From Publishers Weekly

A detailed look at the place of the religious right in American politics, Hynes' book examines his subject across a wide range of issues. Hynes does a good job demonstrating the demographic diversity of this voting bloc as well as the diversity of their beliefs-showing how they cannot all be lumped under the banner of a single high-profile leader, such as Jerry Falwell or Pat Robertson. In this, Hynes provides a much-needed corrective to the stereotype of the religious voter developed in the reactionary left's collective conscious: poor, dumb, white Southerners. The book is less effective considering issues such as the church-state debate in Revolutionary America or constitutional theory, where the level of discourse approaches low-brow telejournalism, picking apart sound-bites from left-wing politicos and pundits rather than taking on reasoned arguments. Given that Hynes is both a respected political consultant and a blogger (AnkleBitingPundits.com), this dichotomy makes a bit more sense. Unfortunately, the lion's share of the book is more like a snarky blog than a serious consideration of the religious right. Despite its title, Hynes' work is not a defense in the standard sense; Hynes is more interested in strengthening group identity among one of America's largest voting blocs than convincing opponents of that bloc to reconsider their position.
Copyright © Reed Business Information, a division of Reed Elsevier Inc. All rights reserved.

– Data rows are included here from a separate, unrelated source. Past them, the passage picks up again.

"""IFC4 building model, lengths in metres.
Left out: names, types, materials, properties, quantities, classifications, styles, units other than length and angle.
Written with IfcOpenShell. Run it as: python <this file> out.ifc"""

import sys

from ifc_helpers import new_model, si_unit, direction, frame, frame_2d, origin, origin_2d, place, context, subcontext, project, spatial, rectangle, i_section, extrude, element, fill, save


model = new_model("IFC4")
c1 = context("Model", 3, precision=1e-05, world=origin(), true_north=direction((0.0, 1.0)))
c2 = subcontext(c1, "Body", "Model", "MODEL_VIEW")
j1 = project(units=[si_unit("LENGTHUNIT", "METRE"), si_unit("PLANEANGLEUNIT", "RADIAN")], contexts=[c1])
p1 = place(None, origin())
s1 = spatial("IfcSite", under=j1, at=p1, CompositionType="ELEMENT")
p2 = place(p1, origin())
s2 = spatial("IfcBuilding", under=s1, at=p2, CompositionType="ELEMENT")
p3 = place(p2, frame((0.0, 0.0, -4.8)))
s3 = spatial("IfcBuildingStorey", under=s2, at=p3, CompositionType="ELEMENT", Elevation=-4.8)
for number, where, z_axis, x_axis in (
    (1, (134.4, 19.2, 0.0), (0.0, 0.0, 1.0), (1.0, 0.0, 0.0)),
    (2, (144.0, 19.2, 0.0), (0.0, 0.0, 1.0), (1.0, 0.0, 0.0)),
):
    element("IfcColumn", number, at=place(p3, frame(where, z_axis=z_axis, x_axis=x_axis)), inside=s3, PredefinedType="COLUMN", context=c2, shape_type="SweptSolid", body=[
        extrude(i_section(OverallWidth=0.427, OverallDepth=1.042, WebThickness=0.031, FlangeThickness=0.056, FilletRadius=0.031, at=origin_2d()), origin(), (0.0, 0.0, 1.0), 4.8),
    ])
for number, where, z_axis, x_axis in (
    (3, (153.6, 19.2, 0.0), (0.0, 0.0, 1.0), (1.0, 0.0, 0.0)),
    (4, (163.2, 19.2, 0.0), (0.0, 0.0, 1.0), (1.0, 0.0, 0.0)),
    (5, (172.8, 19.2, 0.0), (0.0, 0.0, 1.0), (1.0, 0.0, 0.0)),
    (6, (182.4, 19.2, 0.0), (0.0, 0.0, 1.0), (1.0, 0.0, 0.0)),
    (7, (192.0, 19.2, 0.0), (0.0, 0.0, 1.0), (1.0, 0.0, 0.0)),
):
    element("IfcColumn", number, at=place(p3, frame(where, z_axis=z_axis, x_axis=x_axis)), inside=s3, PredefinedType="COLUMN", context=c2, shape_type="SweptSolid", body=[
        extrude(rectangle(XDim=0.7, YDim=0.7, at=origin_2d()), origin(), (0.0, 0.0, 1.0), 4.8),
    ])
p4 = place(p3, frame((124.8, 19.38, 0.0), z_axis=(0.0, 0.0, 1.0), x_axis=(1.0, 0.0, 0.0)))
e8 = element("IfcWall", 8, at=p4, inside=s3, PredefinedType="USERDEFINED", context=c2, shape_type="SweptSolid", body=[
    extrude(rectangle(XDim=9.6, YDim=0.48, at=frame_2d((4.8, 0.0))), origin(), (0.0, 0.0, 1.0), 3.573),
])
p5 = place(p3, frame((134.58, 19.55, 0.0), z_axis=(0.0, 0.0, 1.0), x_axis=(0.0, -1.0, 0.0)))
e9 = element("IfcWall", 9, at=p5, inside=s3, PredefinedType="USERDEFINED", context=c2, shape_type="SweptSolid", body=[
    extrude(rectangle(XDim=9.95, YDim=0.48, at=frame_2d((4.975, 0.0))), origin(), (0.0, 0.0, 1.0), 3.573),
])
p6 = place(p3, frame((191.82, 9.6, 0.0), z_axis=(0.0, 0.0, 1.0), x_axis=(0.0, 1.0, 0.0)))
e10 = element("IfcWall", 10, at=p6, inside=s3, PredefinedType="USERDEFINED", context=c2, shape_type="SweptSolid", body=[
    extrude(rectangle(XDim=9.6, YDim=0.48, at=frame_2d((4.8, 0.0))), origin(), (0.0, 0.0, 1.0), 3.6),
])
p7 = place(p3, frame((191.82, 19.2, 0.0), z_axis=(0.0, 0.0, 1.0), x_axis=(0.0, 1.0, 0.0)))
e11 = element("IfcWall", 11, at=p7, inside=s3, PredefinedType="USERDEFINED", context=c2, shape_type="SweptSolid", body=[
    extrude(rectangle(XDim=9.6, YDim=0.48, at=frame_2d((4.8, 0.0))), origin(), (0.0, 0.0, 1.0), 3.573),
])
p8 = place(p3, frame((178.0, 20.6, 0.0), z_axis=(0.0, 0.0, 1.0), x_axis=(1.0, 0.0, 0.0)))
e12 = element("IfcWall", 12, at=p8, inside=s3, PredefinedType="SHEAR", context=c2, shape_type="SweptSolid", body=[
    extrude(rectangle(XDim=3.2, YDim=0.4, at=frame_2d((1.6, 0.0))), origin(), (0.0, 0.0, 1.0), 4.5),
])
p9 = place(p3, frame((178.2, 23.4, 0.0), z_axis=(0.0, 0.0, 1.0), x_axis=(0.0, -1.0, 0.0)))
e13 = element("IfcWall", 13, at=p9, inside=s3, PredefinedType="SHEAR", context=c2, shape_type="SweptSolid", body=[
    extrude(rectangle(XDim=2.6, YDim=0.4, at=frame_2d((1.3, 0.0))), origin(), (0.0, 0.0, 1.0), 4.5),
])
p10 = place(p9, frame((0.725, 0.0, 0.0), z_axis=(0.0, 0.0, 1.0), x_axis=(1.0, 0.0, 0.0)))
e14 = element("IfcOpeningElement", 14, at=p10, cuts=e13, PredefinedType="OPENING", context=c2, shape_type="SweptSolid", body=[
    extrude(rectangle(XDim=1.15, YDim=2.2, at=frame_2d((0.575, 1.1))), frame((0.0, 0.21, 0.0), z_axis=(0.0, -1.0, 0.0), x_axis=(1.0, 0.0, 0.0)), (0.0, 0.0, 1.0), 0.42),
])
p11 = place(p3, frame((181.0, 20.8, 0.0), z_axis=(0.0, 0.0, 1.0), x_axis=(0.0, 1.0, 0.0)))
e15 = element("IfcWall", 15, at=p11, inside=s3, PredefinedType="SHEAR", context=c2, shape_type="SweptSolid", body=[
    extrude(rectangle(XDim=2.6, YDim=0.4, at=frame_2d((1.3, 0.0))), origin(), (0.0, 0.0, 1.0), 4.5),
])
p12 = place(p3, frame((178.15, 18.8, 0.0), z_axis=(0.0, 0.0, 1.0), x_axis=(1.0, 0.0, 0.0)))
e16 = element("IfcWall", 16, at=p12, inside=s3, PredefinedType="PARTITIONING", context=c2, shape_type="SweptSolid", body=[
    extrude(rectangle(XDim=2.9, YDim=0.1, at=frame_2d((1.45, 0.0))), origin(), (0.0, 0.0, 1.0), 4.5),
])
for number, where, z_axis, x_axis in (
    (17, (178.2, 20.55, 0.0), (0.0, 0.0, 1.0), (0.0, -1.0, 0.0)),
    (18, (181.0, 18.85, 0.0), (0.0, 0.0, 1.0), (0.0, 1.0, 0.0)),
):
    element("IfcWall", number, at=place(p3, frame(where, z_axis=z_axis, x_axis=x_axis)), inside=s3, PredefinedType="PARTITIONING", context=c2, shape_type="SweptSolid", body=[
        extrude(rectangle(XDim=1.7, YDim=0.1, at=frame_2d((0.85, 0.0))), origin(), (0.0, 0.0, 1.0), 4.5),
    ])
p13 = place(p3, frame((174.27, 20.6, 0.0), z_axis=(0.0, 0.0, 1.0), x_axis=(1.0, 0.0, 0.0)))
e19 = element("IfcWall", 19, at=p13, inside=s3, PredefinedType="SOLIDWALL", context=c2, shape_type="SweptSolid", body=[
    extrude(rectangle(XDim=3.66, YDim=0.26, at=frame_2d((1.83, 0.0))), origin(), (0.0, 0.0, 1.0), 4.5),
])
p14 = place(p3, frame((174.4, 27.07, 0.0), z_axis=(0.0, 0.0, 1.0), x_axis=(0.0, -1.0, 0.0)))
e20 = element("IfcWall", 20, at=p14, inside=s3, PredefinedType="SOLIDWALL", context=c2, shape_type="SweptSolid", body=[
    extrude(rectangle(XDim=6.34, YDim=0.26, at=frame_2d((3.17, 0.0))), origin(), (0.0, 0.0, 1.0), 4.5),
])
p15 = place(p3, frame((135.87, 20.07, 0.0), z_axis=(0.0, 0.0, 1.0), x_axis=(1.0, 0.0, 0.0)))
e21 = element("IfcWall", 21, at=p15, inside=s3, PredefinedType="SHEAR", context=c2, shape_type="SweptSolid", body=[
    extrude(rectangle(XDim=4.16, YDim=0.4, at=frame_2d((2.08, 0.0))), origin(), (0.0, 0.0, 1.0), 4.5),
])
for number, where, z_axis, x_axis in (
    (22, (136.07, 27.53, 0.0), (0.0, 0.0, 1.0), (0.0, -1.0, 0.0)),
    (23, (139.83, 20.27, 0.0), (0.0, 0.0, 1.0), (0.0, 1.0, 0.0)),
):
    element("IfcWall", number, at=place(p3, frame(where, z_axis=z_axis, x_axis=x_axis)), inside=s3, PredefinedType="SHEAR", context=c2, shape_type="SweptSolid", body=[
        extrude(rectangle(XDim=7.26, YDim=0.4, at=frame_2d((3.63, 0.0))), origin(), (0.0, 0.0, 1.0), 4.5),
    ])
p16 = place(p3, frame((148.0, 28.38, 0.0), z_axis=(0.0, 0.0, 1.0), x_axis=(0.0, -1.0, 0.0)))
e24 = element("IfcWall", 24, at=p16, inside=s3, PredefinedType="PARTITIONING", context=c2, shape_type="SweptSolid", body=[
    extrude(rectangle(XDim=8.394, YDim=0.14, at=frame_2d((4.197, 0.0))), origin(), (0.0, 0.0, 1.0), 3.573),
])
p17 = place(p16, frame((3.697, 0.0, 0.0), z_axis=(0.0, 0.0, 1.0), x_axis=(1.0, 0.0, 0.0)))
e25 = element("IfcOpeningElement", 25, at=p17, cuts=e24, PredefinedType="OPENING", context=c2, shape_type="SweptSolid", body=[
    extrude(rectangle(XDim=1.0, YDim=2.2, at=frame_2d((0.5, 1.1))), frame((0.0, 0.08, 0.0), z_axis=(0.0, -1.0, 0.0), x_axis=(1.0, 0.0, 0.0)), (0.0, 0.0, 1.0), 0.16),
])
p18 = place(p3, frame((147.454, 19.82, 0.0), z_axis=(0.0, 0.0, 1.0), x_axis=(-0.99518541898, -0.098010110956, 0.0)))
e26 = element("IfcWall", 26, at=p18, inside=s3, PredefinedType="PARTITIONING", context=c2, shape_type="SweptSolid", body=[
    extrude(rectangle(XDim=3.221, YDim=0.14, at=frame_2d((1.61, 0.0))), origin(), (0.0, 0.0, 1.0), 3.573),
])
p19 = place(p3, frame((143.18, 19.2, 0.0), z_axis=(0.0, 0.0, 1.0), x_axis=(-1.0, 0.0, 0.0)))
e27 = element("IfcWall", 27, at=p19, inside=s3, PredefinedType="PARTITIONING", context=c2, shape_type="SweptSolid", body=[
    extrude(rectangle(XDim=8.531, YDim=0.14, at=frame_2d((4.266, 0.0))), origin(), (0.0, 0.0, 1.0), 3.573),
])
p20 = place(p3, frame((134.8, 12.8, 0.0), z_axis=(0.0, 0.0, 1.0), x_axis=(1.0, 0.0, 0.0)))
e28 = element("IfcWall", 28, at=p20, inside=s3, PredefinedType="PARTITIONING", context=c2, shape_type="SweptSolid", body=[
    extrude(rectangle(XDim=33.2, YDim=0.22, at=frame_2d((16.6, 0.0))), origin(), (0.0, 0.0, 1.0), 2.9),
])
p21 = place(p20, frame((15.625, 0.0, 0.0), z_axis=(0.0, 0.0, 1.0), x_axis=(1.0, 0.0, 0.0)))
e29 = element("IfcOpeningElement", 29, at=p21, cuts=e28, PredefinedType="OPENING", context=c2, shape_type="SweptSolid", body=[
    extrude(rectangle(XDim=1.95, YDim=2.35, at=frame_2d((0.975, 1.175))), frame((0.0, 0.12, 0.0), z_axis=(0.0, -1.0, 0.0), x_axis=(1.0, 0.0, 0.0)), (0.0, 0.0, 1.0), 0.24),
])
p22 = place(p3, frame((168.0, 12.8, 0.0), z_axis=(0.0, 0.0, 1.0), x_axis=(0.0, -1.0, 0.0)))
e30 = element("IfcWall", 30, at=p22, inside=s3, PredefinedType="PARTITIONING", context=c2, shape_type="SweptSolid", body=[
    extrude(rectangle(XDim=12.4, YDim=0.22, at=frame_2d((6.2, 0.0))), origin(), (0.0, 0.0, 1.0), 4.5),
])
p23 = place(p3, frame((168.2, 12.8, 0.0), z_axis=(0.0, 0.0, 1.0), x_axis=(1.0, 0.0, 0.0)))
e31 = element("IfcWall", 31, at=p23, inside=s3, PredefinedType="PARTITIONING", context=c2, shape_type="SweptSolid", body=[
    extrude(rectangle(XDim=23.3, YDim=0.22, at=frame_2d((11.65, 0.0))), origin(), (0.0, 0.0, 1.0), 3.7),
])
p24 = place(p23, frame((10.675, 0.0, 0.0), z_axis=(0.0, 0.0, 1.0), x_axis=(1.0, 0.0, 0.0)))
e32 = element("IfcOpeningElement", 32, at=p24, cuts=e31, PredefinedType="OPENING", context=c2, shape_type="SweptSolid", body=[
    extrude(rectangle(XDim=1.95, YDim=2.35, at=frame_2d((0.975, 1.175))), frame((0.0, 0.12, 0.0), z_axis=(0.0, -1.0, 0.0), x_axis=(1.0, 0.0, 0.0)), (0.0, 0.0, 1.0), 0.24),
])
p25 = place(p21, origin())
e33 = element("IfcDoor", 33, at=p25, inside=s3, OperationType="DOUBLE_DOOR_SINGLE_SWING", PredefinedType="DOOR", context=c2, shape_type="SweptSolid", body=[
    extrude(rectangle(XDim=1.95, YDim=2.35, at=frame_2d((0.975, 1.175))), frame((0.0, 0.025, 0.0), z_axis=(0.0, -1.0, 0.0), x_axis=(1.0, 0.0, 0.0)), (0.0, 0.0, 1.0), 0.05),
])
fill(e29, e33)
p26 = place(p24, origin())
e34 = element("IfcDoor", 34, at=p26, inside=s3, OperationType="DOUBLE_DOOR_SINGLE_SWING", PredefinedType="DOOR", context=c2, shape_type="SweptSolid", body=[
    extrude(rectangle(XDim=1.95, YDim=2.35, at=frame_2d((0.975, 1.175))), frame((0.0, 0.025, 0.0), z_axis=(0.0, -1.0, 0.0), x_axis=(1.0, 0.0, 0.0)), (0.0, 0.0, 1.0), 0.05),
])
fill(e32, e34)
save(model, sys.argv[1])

Excerpt. © Reprinted by permission. All rights reserved.

CHAPTER 6
THIRTY MILLION JESUS FREAKS CAN'T BE WRONG


The best way to think about the postelection analysis from 2004 is of two armies. One army advances on a piece of terrain and swiftly takes it. The second army girds its forces, complete with superior firepower and overwhelming troop strength. This second army not only retakes the lost ground, but then proceeds to decimate opposition forces, hopeful none will live to retell the tale of their inspiring, if short-lived, victory.

This first army represents the immediate conventional wisdom after a 2004 exit poll showed that 22 percent of all voters were motivated to vote by "moral values" issues, as opposed to 20 percent who said the "economy and jobs" motivated them, 19 percent who said"terrorism," and 15 percent who said Iraq.

"What does Bush owe the Religious Right?" asked Karen Tumulty and Matthew Cooper in Time magazine. "They helped reelect the President, and Christian conservatives want payback."

"I think the rise of what was called moral values in the polls on this election defined a group of people whose families face, who want to live, and do live in what we would call an old-fashioned life . . . more 'Father Knows Best' and less 'The Times They Are A Changin',' " historian and writer Richard Reeves, who studies politics and presidents, told CBS News. "And 'Father Knows Best' held on."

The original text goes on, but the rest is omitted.